You: Thank you. I plan on celebrating.
Me: And what manner of celebration are you planning?
You: You know, I’m a writer, so, the yoozh — I’ll sit around in a dark room drinking hard liquor and laughing at all my jokes until I start crying.
Me: That’s a myth, by the way. One I admittedly persist in transmitting, but all writers are not drunks. Hell, some authors don’t even drink.
You: HA HA HA, SURE, GRANDPA.
Me: *stares hot iron pokers through your soul*
You: Fine, I’ll amend my celebration. I seem to recall Delilah Dawson said something about cupcake cannons, so I’ll head down to Party City and grab a couple of those badboys and fire off a 21-cupcake-salute. Red velvet. Right into my deserving belly. CHOOM CHOOM.
Me: So, liquor and cupcakes.
You: Breakfast of Champions, man. And then, soon as I shake off the hangover and the diabetes, it’s onto making this novel the bonafide motherfucking bestseller it is destined to be. That’s what I’m scribbling here — a list of agents and editors who —
Me: Whoa, whoa, whoa, Captain Howdy, let me stop you right there.
You: Wha? Wha’d I say?
Me: I — I just — whhh — vuhhh — muhhhh. MUHGRBLE NNNNGH no! No. No. Is your plan really to finish this book and then just start flinging your story-shaped poo-ball into the inbox of every agent and editor you have chosen to punish? As if they’re dung beetles awaiting your crap?
You: Well. Yeah?
Me: Oh, goddamnit.
You: Hey, now. That’s the whole point of this NaNoWriMo adventure, isn’t it? To write a book, then to get that book published. I mean, holy shit, I’m sure whatever I wrote is better than what Snooki wrote. I figure whatever she turned in was just a ream of papers coated in smeary bronze tanner Snooki-prints. Grumpy Cat gets a book deal. Guy Fieri is still allowed to put words inside of things and sell them to us. You know what I heard? The giant wrecking ball from the Miley Cyrus video has a book deal. I’m not kidding. It’s called, LIFE WITH CHLAMYDIA.
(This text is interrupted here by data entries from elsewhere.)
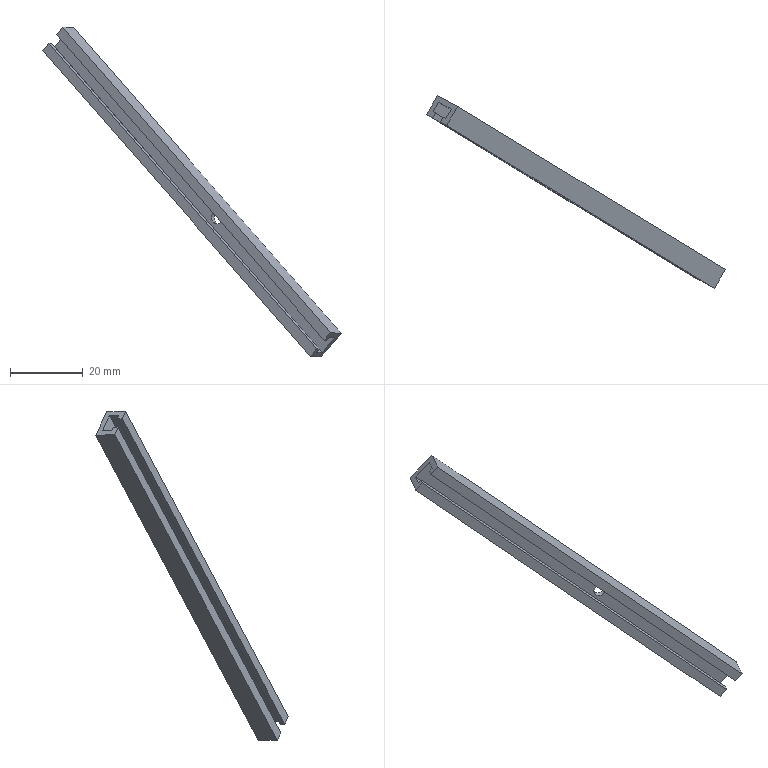Component | SolidWorks | KKSwitch-0710z0-123-1_SENA34H-400-V50-W150-X250-Y350-N3.5-0710z0-123-1 | 1 solid | 16 faces | box 81.95 x 52.78 x 90.38 mm | volume 3802 mm3 | plane 14 | cylinder 2 | commonest cylinder face diameters 3.5 x2
build123d program:
from build123d import *

# Parameters (mm, degrees)
BOSS_EXTRUDE1_DEPTH = 120
SKETCH2_R           = 1.75
CUT_EXTRUDE1_DEPTH  = 121.421


with BuildPart() as part:
    # Sketch1 → Boss-Extrude1 (new body)
    with BuildSketch(Plane.XY):
        Polygon((0, 0), (0, -2.8), (1.5, -2.8), (1.5, -1.65), (4.5, -1.65), (4.5, -7.35), (1.5, -7.35), (1.5, -6.2), (0, -6.2), (0, -9), (6, -9), (6, 0), align=None)
    extrude(amount=BOSS_EXTRUDE1_DEPTH)

    # Sketch2 → Cut-Extrude1 (cut, through all)
    with BuildSketch(Plane.ZY.offset(-4.5)):
        with Locations(Location((50, -4.5, 0), (0, 0, 270))):
            Circle(SKETCH2_R)
    extrude(amount=-CUT_EXTRUDE1_DEPTH, mode=Mode.SUBTRACT)


solid = part.part

# Placed as in the assembly
solid = solid.moved(Location((132.435, -51.049, 158.599), (-28.021, -37.728, 51.003)))
STEP:
#1=CARTESIAN_POINT('',(4.194,-1.11,7.69));
#2=VERTEX_POINT('',#1);
#3=CARTESIAN_POINT('',(4.278,-1.155,7.789));
#4=VERTEX_POINT('',#3);
#5=CARTESIAN_POINT('',(4.236,-1.132,7.739));
#6=DIRECTION('',(-0.4977,-0.867,0.02519));
#7=DIRECTION('',(0.6147,-0.3321,0.7154));
#8=AXIS2_PLACEMENT_3D('',#5,#6,#7);
#9=CIRCLE('',#8,0.0689);
#10=EDGE_CURVE('',#2,#4,#9,.T.);
#11=ORIENTED_EDGE('',*,*,#10,.F.);
#12=CARTESIAN_POINT('',(4.164,-1.161,7.691));
#13=VERTEX_POINT('',#12);
#14=CARTESIAN_POINT('',(4.194,-1.11,7.69));
#15=DIRECTION('',(-0.4977,-0.867,0.02519));
#16=VECTOR('',#15,39.37);
#17=LINE('',#14,#16);
#18=EDGE_CURVE('',#2,#13,#17,.T.);
#19=ORIENTED_EDGE('',*,*,#18,.T.);
#20=CARTESIAN_POINT('',(4.249,-1.206,7.79));
#21=VERTEX_POINT('',#20);
#22=CARTESIAN_POINT('',(4.207,-1.184,7.741));
#23=DIRECTION('',(-0.4977,-0.867,0.02519));
#24=DIRECTION('',(0.6147,-0.3321,0.7154));
#25=AXIS2_PLACEMENT_3D('',#22,#23,#24);
#26=CIRCLE('',#25,0.0689);
#27=EDGE_CURVE('',#13,#21,#26,.T.);
#28=ORIENTED_EDGE('',*,*,#27,.T.);
#29=CARTESIAN_POINT('',(4.278,-1.155,7.789));
#30=DIRECTION('',(-0.4977,-0.867,0.02519));
#31=VECTOR('',#30,39.37);
#32=LINE('',#29,#31);
#33=EDGE_CURVE('',#4,#21,#32,.T.);
#34=ORIENTED_EDGE('',*,*,#33,.F.);
#35=EDGE_LOOP('',(#11,#19,#28,#34));
#36=FACE_OUTER_BOUND('',#35,.T.);
#37=CARTESIAN_POINT('',(4.236,-1.132,7.739));
#38=DIRECTION('',(-0.4977,-0.867,0.02519));
#39=DIRECTION('',(0.6147,-0.3321,0.7154));
#40=AXIS2_PLACEMENT_3D('',#37,#38,#39);
#41=CYLINDRICAL_SURFACE('',#40,0.0689);
#42=ADVANCED_FACE('',(#36),#41,.F.);
#43=CARTESIAN_POINT('',(5.332,-1.805,6.238));
#44=VERTEX_POINT('',#43);
#45=CARTESIAN_POINT('',(5.214,-2.01,6.244));
#46=VERTEX_POINT('',#45);
#47=CARTESIAN_POINT('',(5.332,-1.805,6.238));
#48=DIRECTION('',(-0.4977,-0.867,0.02519));
#49=VECTOR('',#48,39.37);
#50=LINE('',#47,#49);
#51=EDGE_CURVE('',#44,#46,#50,.T.);
#52=ORIENTED_EDGE('',*,*,#51,.T.);
#53=CARTESIAN_POINT('',(2.323,-0.2543,9.543));
#54=VERTEX_POINT('',#53);
#55=CARTESIAN_POINT('',(2.323,-0.2543,9.543));
#56=DIRECTION('',(0.6119,-0.3716,-0.6982));
#57=VECTOR('',#56,39.37);
#58=LINE('',#55,#57);
#59=EDGE_CURVE('',#54,#46,#58,.T.);
#60=ORIENTED_EDGE('',*,*,#59,.F.);
#61=CARTESIAN_POINT('',(2.441,-0.04953,9.537));
#62=VERTEX_POINT('',#61);
#63=CARTESIAN_POINT('',(2.441,-0.04953,9.537));
#64=DIRECTION('',(-0.4977,-0.867,0.02519));
#65=VECTOR('',#64,39.37);
#66=LINE('',#63,#65);
#67=EDGE_CURVE('',#62,#54,#66,.T.);
#68=ORIENTED_EDGE('',*,*,#67,.F.);
#69=CARTESIAN_POINT('',(2.441,-0.04953,9.537));
#70=DIRECTION('',(0.6119,-0.3716,-0.6982));
#71=VECTOR('',#70,39.37);
#72=LINE('',#69,#71);
#73=EDGE_CURVE('',#62,#44,#72,.T.);
#74=ORIENTED_EDGE('',*,*,#73,.T.);
#75=EDGE_LOOP('',(#52,#60,#68,#74));
#76=FACE_OUTER_BOUND('',#75,.T.);
#77=CARTESIAN_POINT('',(2.441,-0.04953,9.537));
#78=DIRECTION('',(0.6147,-0.3321,0.7154));
#79=DIRECTION('',(0.6119,-0.3716,-0.6982));
#80=AXIS2_PLACEMENT_3D('',#77,#78,#79);
#81=PLANE('',#80);
#82=ADVANCED_FACE('',(#76),#81,.F.);
#83=CARTESIAN_POINT('',(5.282,-2.046,6.323));
#84=VERTEX_POINT('',#83);
#85=CARTESIAN_POINT('',(5.214,-2.01,6.244));
#86=DIRECTION('',(0.6147,-0.3321,0.7154));
#87=VECTOR('',#86,39.37);
#88=LINE('',#85,#87);
#89=EDGE_CURVE('',#46,#84,#88,.T.);
#90=ORIENTED_EDGE('',*,*,#89,.T.);
#91=CARTESIAN_POINT('',(2.391,-0.2909,9.622));
#92=VERTEX_POINT('',#91);
#93=CARTESIAN_POINT('',(2.391,-0.2909,9.622));
#94=DIRECTION('',(0.6119,-0.3716,-0.6982));
#95=VECTOR('',#94,39.37);
#96=LINE('',#93,#95);
#97=EDGE_CURVE('',#92,#84,#96,.T.);
#98=ORIENTED_EDGE('',*,*,#97,.F.);
#99=CARTESIAN_POINT('',(2.323,-0.2543,9.543));
#100=DIRECTION('',(0.6147,-0.3321,0.7154));
#101=VECTOR('',#100,39.37);
#102=LINE('',#99,#101);
#103=EDGE_CURVE('',#54,#92,#102,.T.);
#104=ORIENTED_EDGE('',*,*,#103,.F.);
#105=ORIENTED_EDGE('',*,*,#59,.T.);
#106=EDGE_LOOP('',(#90,#98,#104,#105));
#107=FACE_OUTER_BOUND('',#106,.T.);
#108=CARTESIAN_POINT('',(2.323,-0.2543,9.543));
#109=DIRECTION('',(0.4977,0.867,-0.02519));
#110=DIRECTION('',(0.6119,-0.3716,-0.6982));
#111=AXIS2_PLACEMENT_3D('',#108,#109,#110);
#112=PLANE('',#111);
#113=ADVANCED_FACE('',(#107),#112,.F.);
#114=CARTESIAN_POINT('',(5.311,-1.995,6.321));
#115=VERTEX_POINT('',#114);
#116=CARTESIAN_POINT('',(5.282,-2.046,6.323));
#117=DIRECTION('',(0.4977,0.867,-0.02519));
#118=VECTOR('',#117,39.37);
#119=LINE('',#116,#118);
#120=EDGE_CURVE('',#84,#115,#119,.T.);
#121=ORIENTED_EDGE('',*,*,#120,.T.);
#122=CARTESIAN_POINT('',(2.42,-0.2397,9.62));
#123=VERTEX_POINT('',#122);
#124=CARTESIAN_POINT('',(2.42,-0.2397,9.62));
#125=DIRECTION('',(0.6119,-0.3716,-0.6982));
#126=VECTOR('',#125,39.37);
#127=LINE('',#124,#126);
#128=EDGE_CURVE('',#123,#115,#127,.T.);
#129=ORIENTED_EDGE('',*,*,#128,.F.);
#130=CARTESIAN_POINT('',(2.391,-0.2909,9.622));
#131=DIRECTION('',(0.4977,0.867,-0.02519));
#132=VECTOR('',#131,39.37);
#133=LINE('',#130,#132);
#134=EDGE_CURVE('',#92,#123,#133,.T.);
#135=ORIENTED_EDGE('',*,*,#134,.F.);
#136=ORIENTED_EDGE('',*,*,#97,.T.);
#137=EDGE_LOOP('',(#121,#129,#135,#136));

Me: That’s mean. You’re saying Miley Cyrus has chlamydia.
You: No, the wrecking ball caught it from unprotected sex with other wrecking balls. God, you’re very insensitive, you know that? Check your privilege, son. No, Miley Cyrus does not have chlamydia. She has, however, had her tongue replaced with an angry eel. Which is very sad that kids these days feel they need to have these procedures to feel cool and to fit in at —
Me: Just shut up. Shut your sugar hole. No more talky. We need to get back to this poison pill of a plan you’re trying to get me to swallow. Sending off your NaNoWriMo manuscript on December 1st is — to quote Chris Traeger, literally the worst idea you have ever had. Ever. Ever! Ever.
You: Even worse than the time I —
Me: This is not Family Guy. Stop that.
You: Ugh, blech, blergh, whatever. I wrote this fancy book and now I’m not supposed to do anything with it? Just sit on it like it’s a chair? You’re not my Dad. (Wait, or are you?) Whatever. Point is: I did the hard part. Now I need to reap sweet reward.
Me: The hard part. The hard part? The hard part?! Hey, hold on, I’m gonna laugh for 17 minutes.
*18 minutes passes*
Me: There we go. *wipes eyes, blows nose*
You: That was eighteen minutes.
Me: Well, turns out what you said was extra stupid. The hard part is not writing a book. That is actually the easiest part. Writing a book is the Play-Doh phase. It’s just you smooshing words together and screaming out ideas and making your action figure characters do shit and say shit. It’s a drunken clumsy race to the finish line. It’s inelegant. It’s the braying of a donkey. What comes next is not fill up this super-soaker with my word-vomit and hose down the publishing industry with it. What comes next is edit this thing into something resembling a great novel.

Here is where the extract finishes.